Plz tell me it wasn't a woman flying it lmao. Next thing you know they'll be wanting to fly space shuttles, oh, erm wait :lol:

Welcome Katy, we've been hassling lozza for months to get you in our cozy little lounge


----------



## usernameneeded

congrats katy

i was just looking in another thread and noticed you had a mod badge now so i guessed there would b a thread somewere

well done to you anyway hun think u will fit in great x


----------



## retro-mental

only just seen this and there is no one better for the job. well done katy


----------



## will-uk

Nice one maaaaaate!!


----------



## Hera

Cheers guys.
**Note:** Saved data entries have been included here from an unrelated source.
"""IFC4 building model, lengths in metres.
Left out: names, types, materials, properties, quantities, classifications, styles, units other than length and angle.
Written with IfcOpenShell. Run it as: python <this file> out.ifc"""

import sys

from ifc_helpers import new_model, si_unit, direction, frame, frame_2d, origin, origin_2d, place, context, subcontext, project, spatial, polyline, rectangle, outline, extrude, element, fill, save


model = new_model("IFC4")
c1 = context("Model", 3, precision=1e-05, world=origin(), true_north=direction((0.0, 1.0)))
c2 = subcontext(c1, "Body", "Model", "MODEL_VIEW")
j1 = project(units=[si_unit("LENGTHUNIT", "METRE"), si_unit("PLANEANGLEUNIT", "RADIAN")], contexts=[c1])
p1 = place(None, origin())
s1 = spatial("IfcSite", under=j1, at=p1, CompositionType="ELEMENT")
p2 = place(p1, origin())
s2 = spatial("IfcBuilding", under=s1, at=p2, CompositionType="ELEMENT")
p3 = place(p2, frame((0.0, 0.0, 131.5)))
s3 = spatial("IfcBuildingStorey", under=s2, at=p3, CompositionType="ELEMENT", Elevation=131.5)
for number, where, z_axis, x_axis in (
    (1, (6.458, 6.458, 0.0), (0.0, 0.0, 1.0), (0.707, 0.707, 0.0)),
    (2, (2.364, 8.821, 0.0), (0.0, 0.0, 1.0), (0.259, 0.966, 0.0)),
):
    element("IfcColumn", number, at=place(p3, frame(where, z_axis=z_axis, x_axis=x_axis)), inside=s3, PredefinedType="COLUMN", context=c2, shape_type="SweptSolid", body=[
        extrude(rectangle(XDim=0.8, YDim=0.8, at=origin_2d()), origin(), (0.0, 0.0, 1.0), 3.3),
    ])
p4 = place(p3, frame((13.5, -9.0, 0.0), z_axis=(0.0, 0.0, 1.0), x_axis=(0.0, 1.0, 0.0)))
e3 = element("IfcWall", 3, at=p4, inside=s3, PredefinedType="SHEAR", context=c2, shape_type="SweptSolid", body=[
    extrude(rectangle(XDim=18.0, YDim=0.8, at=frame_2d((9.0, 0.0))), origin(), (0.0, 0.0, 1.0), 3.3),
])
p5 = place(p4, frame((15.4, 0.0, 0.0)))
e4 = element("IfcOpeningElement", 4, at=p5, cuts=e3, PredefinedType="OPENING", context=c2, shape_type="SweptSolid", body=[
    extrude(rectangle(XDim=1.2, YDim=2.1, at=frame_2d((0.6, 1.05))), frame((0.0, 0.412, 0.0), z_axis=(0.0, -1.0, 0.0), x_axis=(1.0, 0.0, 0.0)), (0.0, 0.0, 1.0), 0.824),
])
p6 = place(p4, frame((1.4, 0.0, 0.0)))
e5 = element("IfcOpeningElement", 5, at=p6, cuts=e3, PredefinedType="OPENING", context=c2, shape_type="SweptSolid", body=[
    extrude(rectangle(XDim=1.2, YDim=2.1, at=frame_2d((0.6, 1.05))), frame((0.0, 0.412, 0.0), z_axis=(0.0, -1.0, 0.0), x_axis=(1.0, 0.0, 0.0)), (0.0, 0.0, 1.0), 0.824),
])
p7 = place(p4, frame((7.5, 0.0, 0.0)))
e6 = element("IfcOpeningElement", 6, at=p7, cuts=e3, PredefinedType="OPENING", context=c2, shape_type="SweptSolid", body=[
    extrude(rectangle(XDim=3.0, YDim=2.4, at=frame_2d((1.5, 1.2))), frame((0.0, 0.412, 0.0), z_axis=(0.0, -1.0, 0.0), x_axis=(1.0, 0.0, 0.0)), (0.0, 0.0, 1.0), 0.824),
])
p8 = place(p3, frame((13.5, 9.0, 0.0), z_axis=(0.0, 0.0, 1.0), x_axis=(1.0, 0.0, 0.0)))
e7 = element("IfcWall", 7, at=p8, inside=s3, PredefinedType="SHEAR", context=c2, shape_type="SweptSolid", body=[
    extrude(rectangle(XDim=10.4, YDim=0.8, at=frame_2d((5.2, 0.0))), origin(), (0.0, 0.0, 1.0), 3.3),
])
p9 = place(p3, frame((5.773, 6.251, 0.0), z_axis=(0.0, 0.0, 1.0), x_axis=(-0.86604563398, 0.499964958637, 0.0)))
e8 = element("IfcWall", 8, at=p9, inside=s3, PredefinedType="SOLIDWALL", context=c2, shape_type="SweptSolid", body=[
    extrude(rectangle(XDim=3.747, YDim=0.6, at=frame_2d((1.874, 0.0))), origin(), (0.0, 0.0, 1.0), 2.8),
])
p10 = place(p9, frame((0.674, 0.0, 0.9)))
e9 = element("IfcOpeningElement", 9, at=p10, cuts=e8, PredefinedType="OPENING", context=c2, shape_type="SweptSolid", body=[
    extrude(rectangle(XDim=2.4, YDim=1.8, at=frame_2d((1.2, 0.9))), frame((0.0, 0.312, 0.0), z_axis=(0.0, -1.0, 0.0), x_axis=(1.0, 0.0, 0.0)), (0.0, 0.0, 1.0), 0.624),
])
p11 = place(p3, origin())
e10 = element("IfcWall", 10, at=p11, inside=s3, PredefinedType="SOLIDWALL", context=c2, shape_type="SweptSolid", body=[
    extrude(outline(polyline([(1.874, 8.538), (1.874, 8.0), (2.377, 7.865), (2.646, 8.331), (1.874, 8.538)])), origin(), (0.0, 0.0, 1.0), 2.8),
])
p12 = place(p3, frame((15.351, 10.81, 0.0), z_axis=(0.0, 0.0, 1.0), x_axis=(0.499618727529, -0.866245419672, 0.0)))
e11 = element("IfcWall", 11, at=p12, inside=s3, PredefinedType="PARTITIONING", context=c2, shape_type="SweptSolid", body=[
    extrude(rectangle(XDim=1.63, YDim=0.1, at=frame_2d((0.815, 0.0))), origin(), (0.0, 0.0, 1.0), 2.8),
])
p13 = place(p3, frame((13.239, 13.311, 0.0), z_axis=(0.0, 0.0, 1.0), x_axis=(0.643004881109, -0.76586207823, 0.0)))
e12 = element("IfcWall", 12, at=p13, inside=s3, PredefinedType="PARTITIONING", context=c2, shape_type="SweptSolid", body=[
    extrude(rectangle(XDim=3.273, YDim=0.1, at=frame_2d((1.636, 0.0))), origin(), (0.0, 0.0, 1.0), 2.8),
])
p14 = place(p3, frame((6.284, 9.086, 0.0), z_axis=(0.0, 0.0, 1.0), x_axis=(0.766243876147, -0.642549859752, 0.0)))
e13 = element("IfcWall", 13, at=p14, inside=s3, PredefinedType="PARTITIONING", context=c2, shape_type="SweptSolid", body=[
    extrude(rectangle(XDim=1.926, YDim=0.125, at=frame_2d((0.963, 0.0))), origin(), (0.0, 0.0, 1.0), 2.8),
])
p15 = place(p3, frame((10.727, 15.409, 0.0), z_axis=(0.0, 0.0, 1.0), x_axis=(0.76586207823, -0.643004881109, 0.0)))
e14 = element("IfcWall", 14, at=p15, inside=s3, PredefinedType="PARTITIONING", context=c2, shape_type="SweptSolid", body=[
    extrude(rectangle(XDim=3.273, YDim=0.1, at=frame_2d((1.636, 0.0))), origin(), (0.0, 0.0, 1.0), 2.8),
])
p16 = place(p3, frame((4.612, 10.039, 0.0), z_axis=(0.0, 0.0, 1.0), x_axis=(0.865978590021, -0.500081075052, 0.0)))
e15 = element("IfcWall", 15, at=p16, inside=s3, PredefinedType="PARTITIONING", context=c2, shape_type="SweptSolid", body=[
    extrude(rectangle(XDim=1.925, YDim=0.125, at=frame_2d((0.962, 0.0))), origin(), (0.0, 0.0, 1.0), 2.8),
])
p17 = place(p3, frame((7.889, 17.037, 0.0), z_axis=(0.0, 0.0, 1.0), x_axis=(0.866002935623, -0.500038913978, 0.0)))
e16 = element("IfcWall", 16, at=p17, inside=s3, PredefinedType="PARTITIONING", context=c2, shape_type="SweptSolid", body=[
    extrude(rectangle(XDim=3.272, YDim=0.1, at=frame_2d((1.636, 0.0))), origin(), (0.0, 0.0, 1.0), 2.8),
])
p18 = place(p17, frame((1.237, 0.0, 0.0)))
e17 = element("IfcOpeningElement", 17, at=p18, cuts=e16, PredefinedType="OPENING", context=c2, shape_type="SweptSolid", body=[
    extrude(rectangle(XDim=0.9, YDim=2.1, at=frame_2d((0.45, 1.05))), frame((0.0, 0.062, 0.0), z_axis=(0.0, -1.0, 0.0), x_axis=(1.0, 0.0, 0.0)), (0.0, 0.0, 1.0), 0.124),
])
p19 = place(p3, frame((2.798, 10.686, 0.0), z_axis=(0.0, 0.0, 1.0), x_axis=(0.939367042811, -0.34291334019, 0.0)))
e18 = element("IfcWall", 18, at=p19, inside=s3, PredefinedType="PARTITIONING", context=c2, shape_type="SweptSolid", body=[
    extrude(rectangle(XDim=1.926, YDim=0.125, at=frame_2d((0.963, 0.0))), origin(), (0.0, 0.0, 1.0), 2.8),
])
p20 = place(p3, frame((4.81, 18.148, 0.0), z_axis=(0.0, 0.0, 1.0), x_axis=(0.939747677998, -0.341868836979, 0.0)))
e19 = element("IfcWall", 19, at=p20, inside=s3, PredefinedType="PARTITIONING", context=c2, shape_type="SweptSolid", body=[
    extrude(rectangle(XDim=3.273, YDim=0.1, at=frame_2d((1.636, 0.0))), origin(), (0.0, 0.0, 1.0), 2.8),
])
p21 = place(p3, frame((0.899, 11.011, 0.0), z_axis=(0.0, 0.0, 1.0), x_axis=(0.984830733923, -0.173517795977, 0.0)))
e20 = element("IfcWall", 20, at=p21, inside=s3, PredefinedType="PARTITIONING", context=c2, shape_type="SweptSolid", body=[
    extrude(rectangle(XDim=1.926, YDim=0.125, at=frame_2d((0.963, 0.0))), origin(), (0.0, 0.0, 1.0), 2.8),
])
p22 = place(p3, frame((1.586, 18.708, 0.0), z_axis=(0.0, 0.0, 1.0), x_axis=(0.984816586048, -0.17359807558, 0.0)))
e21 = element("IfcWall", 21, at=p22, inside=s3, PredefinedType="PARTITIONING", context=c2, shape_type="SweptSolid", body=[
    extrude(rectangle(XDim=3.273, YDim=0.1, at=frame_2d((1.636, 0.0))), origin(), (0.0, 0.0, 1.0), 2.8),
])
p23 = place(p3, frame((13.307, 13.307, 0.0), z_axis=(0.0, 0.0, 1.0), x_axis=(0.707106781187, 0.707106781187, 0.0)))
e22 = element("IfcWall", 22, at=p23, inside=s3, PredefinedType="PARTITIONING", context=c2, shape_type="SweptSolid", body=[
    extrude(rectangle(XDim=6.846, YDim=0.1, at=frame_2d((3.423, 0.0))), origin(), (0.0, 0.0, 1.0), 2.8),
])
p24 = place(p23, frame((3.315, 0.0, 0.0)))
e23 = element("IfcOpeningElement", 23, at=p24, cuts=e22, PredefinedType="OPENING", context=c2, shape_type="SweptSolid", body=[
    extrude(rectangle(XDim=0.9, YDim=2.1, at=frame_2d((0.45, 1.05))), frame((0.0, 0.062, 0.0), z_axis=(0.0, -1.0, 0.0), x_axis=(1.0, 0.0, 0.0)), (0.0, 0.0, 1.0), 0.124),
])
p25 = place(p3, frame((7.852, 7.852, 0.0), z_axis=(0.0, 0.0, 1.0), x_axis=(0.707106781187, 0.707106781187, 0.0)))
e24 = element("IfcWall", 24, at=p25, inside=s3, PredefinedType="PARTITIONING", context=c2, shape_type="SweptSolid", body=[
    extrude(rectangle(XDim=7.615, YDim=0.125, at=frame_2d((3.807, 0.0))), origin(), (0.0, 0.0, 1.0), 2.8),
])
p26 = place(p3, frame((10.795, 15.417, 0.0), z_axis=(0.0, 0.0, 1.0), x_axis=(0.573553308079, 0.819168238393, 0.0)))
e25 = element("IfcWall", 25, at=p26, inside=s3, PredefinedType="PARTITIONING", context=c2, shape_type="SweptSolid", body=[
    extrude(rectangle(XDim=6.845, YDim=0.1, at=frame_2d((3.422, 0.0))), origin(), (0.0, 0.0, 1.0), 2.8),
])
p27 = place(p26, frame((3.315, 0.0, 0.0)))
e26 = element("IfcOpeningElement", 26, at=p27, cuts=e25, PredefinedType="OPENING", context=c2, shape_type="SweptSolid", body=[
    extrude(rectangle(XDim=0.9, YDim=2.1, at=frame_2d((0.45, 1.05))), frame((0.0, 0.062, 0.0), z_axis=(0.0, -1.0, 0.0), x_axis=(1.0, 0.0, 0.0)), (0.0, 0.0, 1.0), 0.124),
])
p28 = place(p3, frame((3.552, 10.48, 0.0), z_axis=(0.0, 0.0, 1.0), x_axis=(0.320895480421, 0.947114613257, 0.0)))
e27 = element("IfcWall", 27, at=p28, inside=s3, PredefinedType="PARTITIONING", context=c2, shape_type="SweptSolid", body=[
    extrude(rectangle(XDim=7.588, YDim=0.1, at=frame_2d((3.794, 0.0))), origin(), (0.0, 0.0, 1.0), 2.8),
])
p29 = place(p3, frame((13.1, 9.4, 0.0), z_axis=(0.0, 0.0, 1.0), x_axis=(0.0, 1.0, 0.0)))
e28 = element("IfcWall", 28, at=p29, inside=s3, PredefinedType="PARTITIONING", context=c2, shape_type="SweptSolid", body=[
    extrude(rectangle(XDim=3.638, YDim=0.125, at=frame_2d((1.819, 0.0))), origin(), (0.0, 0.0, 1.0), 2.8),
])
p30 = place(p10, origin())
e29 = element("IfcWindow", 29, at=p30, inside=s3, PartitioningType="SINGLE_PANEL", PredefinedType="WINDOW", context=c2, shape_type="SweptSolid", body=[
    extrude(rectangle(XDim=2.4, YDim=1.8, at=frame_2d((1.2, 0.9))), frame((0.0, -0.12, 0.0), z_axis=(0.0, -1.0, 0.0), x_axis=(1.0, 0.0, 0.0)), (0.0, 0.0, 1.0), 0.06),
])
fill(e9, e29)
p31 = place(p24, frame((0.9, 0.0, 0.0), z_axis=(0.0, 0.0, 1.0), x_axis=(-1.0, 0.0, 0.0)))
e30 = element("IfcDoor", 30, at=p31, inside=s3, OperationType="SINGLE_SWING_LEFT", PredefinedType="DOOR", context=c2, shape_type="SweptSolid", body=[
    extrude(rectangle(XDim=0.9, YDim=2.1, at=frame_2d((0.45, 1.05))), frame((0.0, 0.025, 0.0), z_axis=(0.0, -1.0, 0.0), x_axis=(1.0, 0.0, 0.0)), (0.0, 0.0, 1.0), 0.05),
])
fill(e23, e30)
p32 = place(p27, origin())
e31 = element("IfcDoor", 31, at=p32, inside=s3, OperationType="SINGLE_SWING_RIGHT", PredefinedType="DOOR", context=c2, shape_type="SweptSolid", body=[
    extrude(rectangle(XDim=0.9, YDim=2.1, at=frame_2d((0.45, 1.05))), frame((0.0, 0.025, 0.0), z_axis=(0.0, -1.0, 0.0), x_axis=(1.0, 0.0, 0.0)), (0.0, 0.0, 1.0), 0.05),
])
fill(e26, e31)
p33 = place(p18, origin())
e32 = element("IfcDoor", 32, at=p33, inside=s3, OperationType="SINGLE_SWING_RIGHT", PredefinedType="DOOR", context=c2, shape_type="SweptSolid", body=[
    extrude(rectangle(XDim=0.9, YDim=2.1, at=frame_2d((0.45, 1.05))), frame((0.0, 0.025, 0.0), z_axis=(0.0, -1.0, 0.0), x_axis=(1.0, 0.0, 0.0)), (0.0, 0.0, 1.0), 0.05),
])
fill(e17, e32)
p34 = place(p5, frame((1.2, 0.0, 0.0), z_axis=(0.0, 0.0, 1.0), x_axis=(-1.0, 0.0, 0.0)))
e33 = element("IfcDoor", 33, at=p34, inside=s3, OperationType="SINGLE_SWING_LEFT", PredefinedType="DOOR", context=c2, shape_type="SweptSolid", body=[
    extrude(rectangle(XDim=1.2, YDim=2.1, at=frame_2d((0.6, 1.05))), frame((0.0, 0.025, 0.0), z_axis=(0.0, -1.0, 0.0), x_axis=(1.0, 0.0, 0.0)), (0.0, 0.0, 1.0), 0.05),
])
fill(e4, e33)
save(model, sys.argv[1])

Still finding my feet but I hope that you continue to think that I was a good choice


----------



## MRSTRONG

Contracts x


----------



## Fatstuff

congrats katy, now were both mods :rolleye: Noticed the new avi as well :thumbup1: showing a bit of left arent u :001_tt2:


----------



## Hera

fatstuff said:


> congrats katy, now were both mods :rolleye: Noticed the new avi as well :thumbup1: showing a bit of left arent u :001_tt2:


Yeah, I'm struggling to find a decent pic! Will try to get a decent up to date one soon with less left boob


----------



## Robsta

You obviously didn't hear the new rule we made......"Any mods updating their avvy to show less clothing will be banned from moderating, and forced to clean the mod lounge forever"..... :lol:


----------



## Hera

Robsta said:


> You obviously didn't hear the new rule we made......"Any mods updating their avvy to show less clothing will be banned from moderating, and forced to clean the mod lounge forever"..... :lol:


Magic Torch and DB are in trouble then...get cleaning guys!


----------



## Robsta

Ah.....no no no special K, as they (in the past) have shown full frontal nudity, so are perfectly fine to do so......You haven't, so either update to a more suitable avvy or get your mop out..... 

(mop is not a sexual reference btw :lol: )


----------



## Hera

Robsta said:


> Ah.....no no no special K, as they (in the past) have shown full frontal nudity, so are perfectly fine to do so......You haven't, so either update to a more suitable avvy or get your mop out.....
> 
> (mop is not a sexual reference btw :lol: )


Ha ha, hoped that you wouldn't catch me out on that one. Although my avi hasn't always shown too much, other pics on here have so I respectfully disagree with these rules  Not a chance in hell that I'll clean up your mess in the lounge...I'm off to enjoy a nice cup of tea...


----------



## Fatstuff

Katy said:


> Yeah, I'm struggling to find a decent pic! Will try to get a decent up to date one soon with less left boob


no that pics fine :rolleye:


----------



## H10dst

fatstuff said:


> no that pics fine :rolleye:


X2


----------



## Hendrix

Well done Katy <3


----------



## danny1871436114701

Well done Katy


----------



## Wheyman

Great news!


----------



## Tombo

Well done Katy


----------



## ashmo

Congrats :thumb:


----------



## Hera

ashmo said:


> Congrats :thumb:


Ha ha...thanks, was some time ago now


----------



## ashmo

Katy said:


> Ha ha...thanks, was some time ago now


Never to late for a congrats


----------